We can use SSH to access the machine - we use vagrant ssh logger.
Use ip addr to get IP address information.
We can see that there are two IP addresses - one for each network card: 192.168.147.149 and 192.168.56.105. One of these will be for your internal VM network, and one is connected via NAT (Network Address Translation). Try to ping the addresses in a separate command window to see which response (for me, 192.168.147.149 is accessible from my host). We will refer to this as IP_ADDRESS.
You can access the following from your host:
Splunk: Navigate to https://IP_ADDRESS:8000. Login using admin:changeme.
Fleet: Navigate to https://IP_ADDRESS:8412. Login using admin:admin123#.
(Bypass the warning of using HTTPS that Chrome may present).
Conducting an Attack¶
Now let’s simulate an attack on our network using Atomic Red Team from Red Canary.

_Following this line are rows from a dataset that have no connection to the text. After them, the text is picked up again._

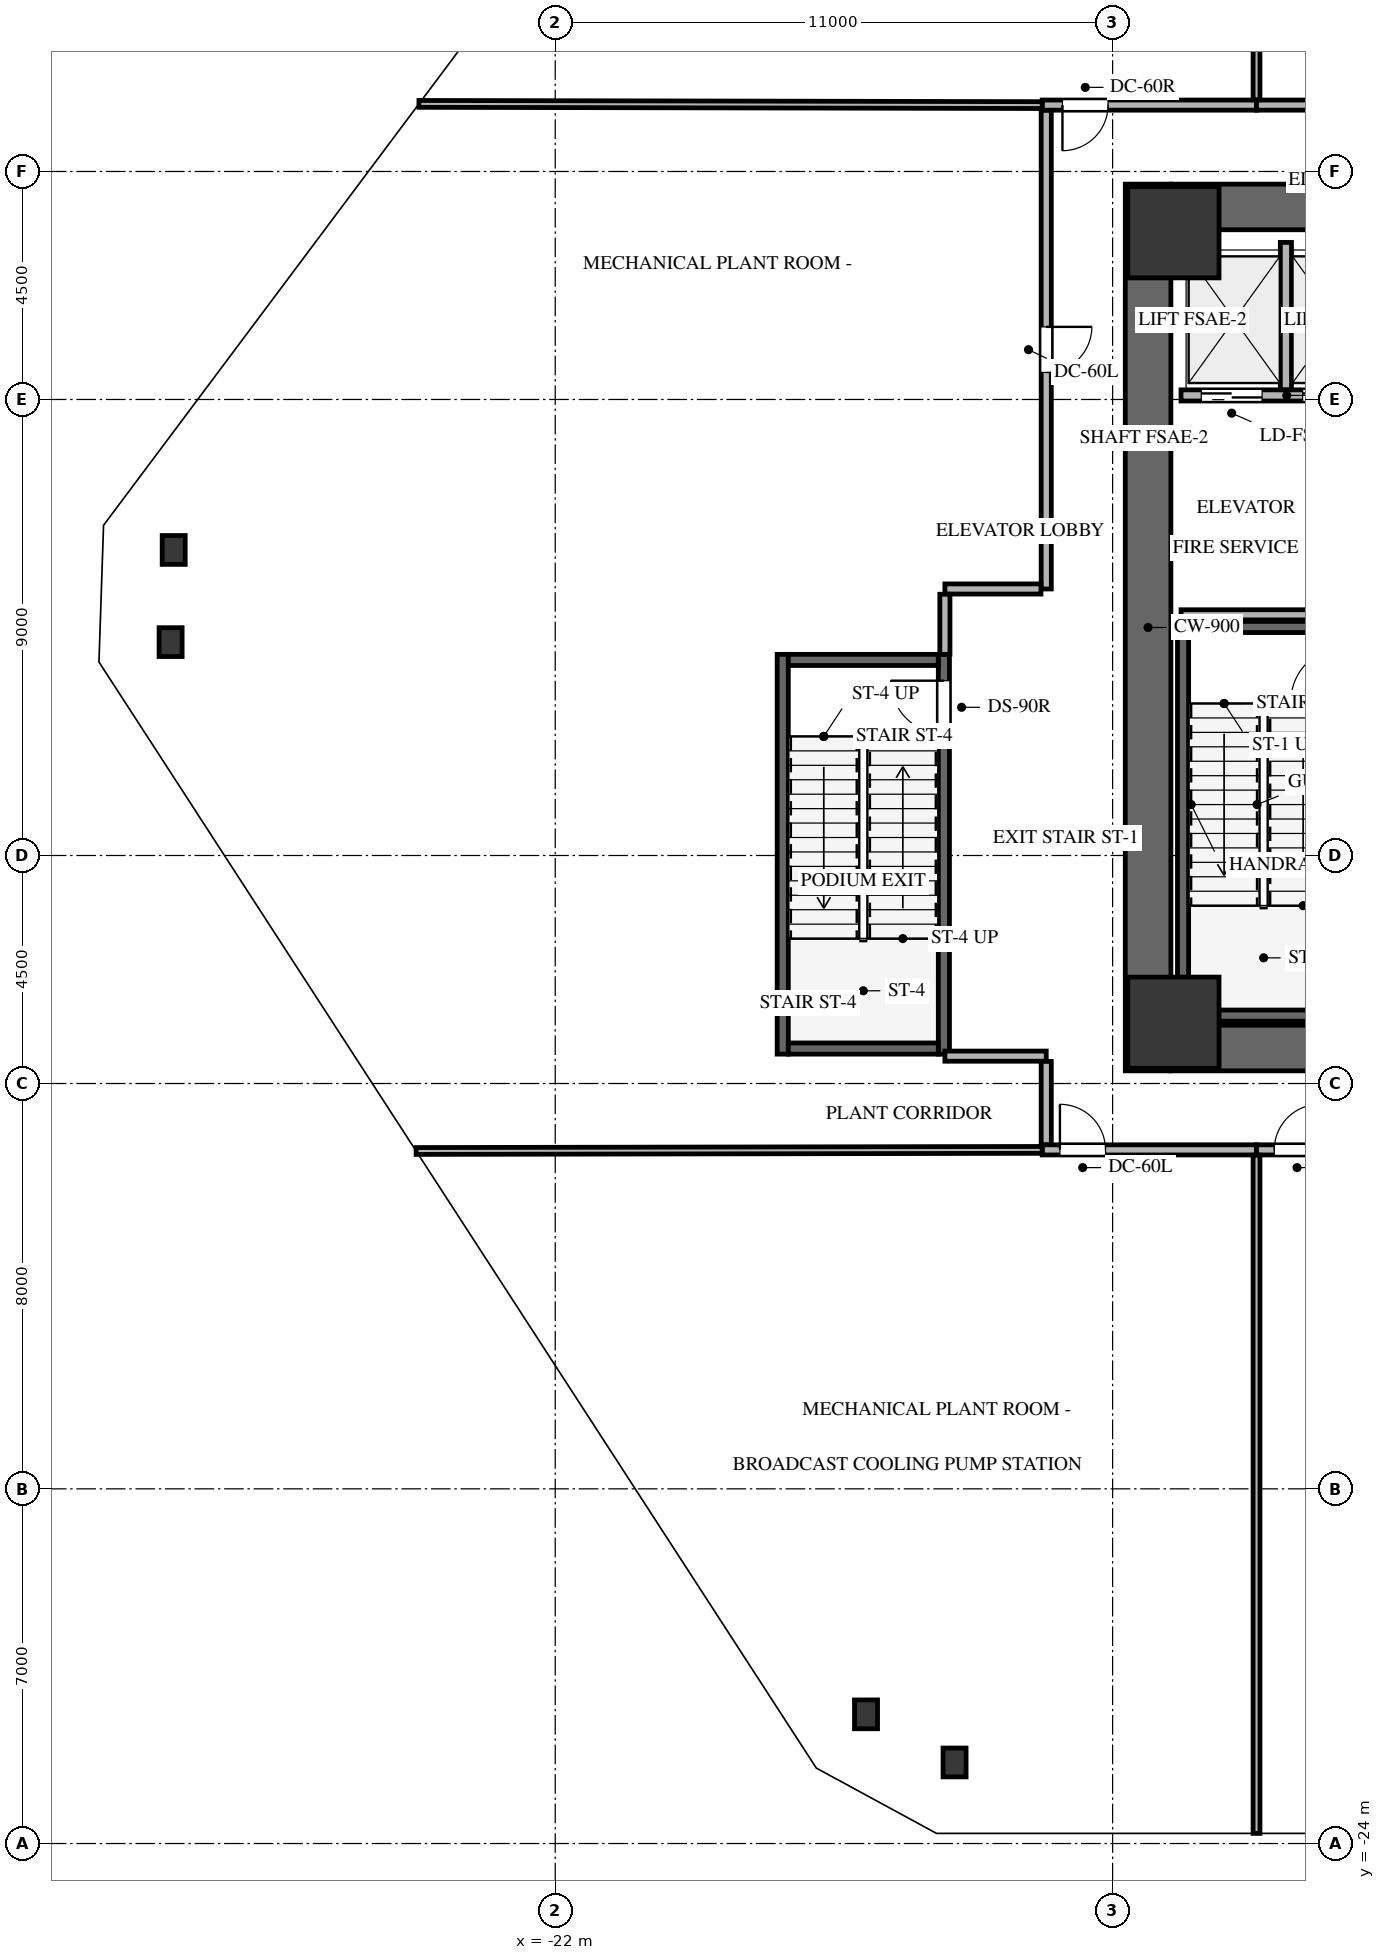
"""IFC4 building model, lengths in metres.
Left out: names, types, materials, properties, quantities, classifications, styles, units other than length and angle.
Written with IfcOpenShell. Run it as: python <this file> out.ifc"""

import sys

from ifc_helpers import new_model, si_unit, direction, frame, frame_2d, origin, origin_2d, place, context, subcontext, project, spatial, rectangle, i_section, extrude, source, transform, mapped, element, fill, save


model = new_model("IFC4")
c1 = context("Model", 3, precision=1e-05, world=origin(), true_north=direction((0.0, 1.0)))
c2 = subcontext(c1, "Body", "Model", "MODEL_VIEW")
j1 = project(units=[si_unit("LENGTHUNIT", "METRE"), si_unit("PLANEANGLEUNIT", "RADIAN")], contexts=[c1])
p1 = place(None, origin())
s1 = spatial("IfcSite", under=j1, at=p1, CompositionType="ELEMENT")
p2 = place(p1, origin())
s2 = spatial("IfcBuilding", under=s1, at=p2, CompositionType="ELEMENT")
p3 = place(p2, frame((0.0, 0.0, 10.4)))
s3 = spatial("IfcBuildingStorey", under=s2, at=p3, CompositionType="ELEMENT", Elevation=10.4)
p4 = place(p3, frame((-10.3, -8.75, 0.0), z_axis=(0.0, 0.0, 1.0), x_axis=(0.0, 1.0, 0.0)))
e1 = element("IfcWall", 1, at=p4, inside=s3, PredefinedType="SHEAR", context=c2, shape_type="SweptSolid", body=[
    extrude(rectangle(XDim=17.5, YDim=0.9, at=frame_2d((8.75, 0.0))), origin(), (0.0, 0.0, 1.0), 5.2),
])
p5 = place(p3, frame((-9.85, -8.3, 0.0), z_axis=(0.0, 0.0, 1.0), x_axis=(1.0, 0.0, 0.0)))
e2 = element("IfcWall", 2, at=p5, inside=s3, PredefinedType="SHEAR", context=c2, shape_type="SweptSolid", body=[
    extrude(rectangle(XDim=7.75, YDim=0.9, at=frame_2d((3.875, 0.0))), origin(), (0.0, 0.0, 1.0), 5.2),
])
p6 = place(p3, frame((-9.85, 8.3, 0.0), z_axis=(0.0, 0.0, 1.0), x_axis=(1.0, 0.0, 0.0)))
e3 = element("IfcWall", 3, at=p6, inside=s3, PredefinedType="SHEAR", context=c2, shape_type="SweptSolid", body=[
    extrude(rectangle(XDim=19.7, YDim=0.9, at=frame_2d((9.85, 0.0))), origin(), (0.0, 0.0, 1.0), 5.2),
])
p7 = place(p3, frame((-9.61, 0.12, -0.35), z_axis=(0.0, 0.0, 1.0), x_axis=(0.0, -1.0, 0.0)))
e4 = element("IfcWall", 4, at=p7, inside=s3, PredefinedType="SHEAR", context=c2, shape_type="SweptSolid", body=[
    extrude(rectangle(XDim=7.89, YDim=0.22, at=frame_2d((3.945, 0.0))), origin(), (0.0, 0.0, 1.0), 5.23),
])
for number, where, z_axis, x_axis in (
    (5, (-9.5, -7.66, -0.35), (0.0, 0.0, 1.0), (1.0, 0.0, 0.0)),
    (6, (-6.54, 0.01, -0.35), (0.0, 0.0, 1.0), (-1.0, 0.0, 0.0)),
):
    element("IfcWall", number, at=place(p3, frame(where, z_axis=z_axis, x_axis=x_axis)), inside=s3, PredefinedType="SHEAR", context=c2, shape_type="SweptSolid", body=[
        extrude(rectangle(XDim=2.96, YDim=0.22, at=frame_2d((1.48, 0.0))), origin(), (0.0, 0.0, 1.0), 5.23),
    ])
p8 = place(p3, frame((-14.33, -8.42, -0.35), z_axis=(0.0, 0.0, 1.0), x_axis=(0.0, 1.0, 0.0)))
e7 = element("IfcWall", 7, at=p8, inside=s3, PredefinedType="SHEAR", context=c2, shape_type="SweptSolid", body=[
    extrude(rectangle(XDim=7.89, YDim=0.22, at=frame_2d((3.945, 0.0))), origin(), (0.0, 0.0, 1.0), 5.23),
])
p9 = place(p8, frame((6.32, 0.0, 0.0)))
e8 = element("IfcOpeningElement", 8, at=p9, cuts=e7, PredefinedType="OPENING", context=c2, shape_type="SweptSolid", body=[
    extrude(rectangle(XDim=1.05, YDim=2.15, at=frame_2d((0.525, 1.075))), frame((0.0, 0.12, 0.0), z_axis=(0.0, -1.0, 0.0), x_axis=(1.0, 0.0, 0.0)), (0.0, 0.0, 1.0), 0.24),
])
p10 = place(p3, frame((-17.51, -0.53, -0.35), z_axis=(0.0, 0.0, 1.0), x_axis=(0.0, -1.0, 0.0)))
e9 = element("IfcWall", 9, at=p10, inside=s3, PredefinedType="SHEAR", context=c2, shape_type="SweptSolid", body=[
    extrude(rectangle(XDim=7.89, YDim=0.22, at=frame_2d((3.945, 0.0))), origin(), (0.0, 0.0, 1.0), 5.23),
])
for number, where, z_axis, x_axis in (
    (10, (-17.4, -8.31, -0.35), (0.0, 0.0, 1.0), (1.0, 0.0, 0.0)),
    (11, (-14.44, -0.64, -0.35), (0.0, 0.0, 1.0), (-1.0, 0.0, 0.0)),
):
    element("IfcWall", number, at=place(p3, frame(where, z_axis=z_axis, x_axis=x_axis)), inside=s3, PredefinedType="SHEAR", context=c2, shape_type="SweptSolid", body=[
        extrude(rectangle(XDim=2.96, YDim=0.22, at=frame_2d((1.48, 0.0))), origin(), (0.0, 0.0, 1.0), 5.23),
    ])
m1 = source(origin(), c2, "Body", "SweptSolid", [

https://redcanary.com/getting-started-with-atomic-red-team/
We will use the Regsvr32 attack flagged by Red Canary here as the third most common:
https://redcanary.com/blog/3-technique-regsvr32-t1117/
MITRE’s definition, “Regsvr32.exe is a command-line program used to register and unregister object linking and embedding controls, including dynamic link libraries (DLLs), on Windows systems. Regsvr32.exe can be used to execute arbitrary binaries.”
RegSvr32: regsvr32.exe /s /u /i:https://raw.githubusercontent.com/redcanaryco/atomic-red-team/master/atomics/T1117/RegSvr32.sct scrobj.dll
Credential Dumping: powershell.exe “IEX (New-Object Net.WebClient).DownloadString(‘http://bit.ly/L3g1tCrad1e’); Invoke-Mimikatz -DumpCr”
XSL Script Processing: wmic.exe process list /FORMAT:”https://raw.githubusercontent.com/redcanaryco/atomic-red-team/master/atomics/T1220/src/wmicscript.xsl”
Jump back to Splunk:
index=”suricata”
index=”sysmon”
Set up Kali¶
We can install a Kali Linux VM to deploy attacks against our infrastructure.
Set this up using the standard Kali Linux VM (download from their website). Configure the VM to use a static network address.
For my example, I will use 192.168.56.199 (Default Gateway 192.168.56.1).
I can then test the connection by pinging the logger machine 192.168.56.105.
Using nmap¶
We can now start to assume the roles of offensive and defensive to examine our network in greater detail, both from an attacker’s perspective, and how this may be observed from a defender’s perspective.
Firstly, let’s use nmap (network mapper) to see what services are available across the network.
We can use the command nmap -sS 192.168.56.102-105 to perform a service scan across all four machines. If we want to assume we do not know the IP range beforehand, we could also do nmap -sS 192.168.56.0/24 to check all address in the subnet range.
Useful links:
Setting up Logging
Detection Engineering
DetectionLab: Managing the Virtual Machines¶
All commands must be run from the “DetectionLab/Vagrant” folder:
Bring up all Detection Lab hosts using Virtualbox: vagrant up –provider=virtualbox
Bring up all Detection Lab hosts using VMware: vagrant up –provider=vmware_desktop
Bring up a specific host: vagrant up
Restart a specific host: vagrant reload
Restart a specific host and re-run the provision process: vagrant reload
–provision Destroy a specific host: **vagrant destroy
Destroy the entire Detection Lab environment: vagrant destroy (Adding -f forces it without a prompt)
SSH into a host (only works with Logger): vagrant ssh logger
Run a WinRM command on a host (only works with DC, WEF, and WIN10): vagrant winrm –command hostname –shell powershell
Check the status of each host: vagrant status
Suspend the lab environment: vagrant suspend
Resume the lab environment: vagrant resume
Shutdown each host: vagrant halt
The Splunk license will only allow approx 500MB of ingest. It is therefore advised that you bring up the environment, conduct your testing, and then destroy the environment. You can then provision a new environment when required.
Other lab machines (e.g., Kali, UWEcyber) can then be preserved and re-linked to the testing infrastructure. Do not store any work on the DetectionLab VMs in case these should be inaccessible.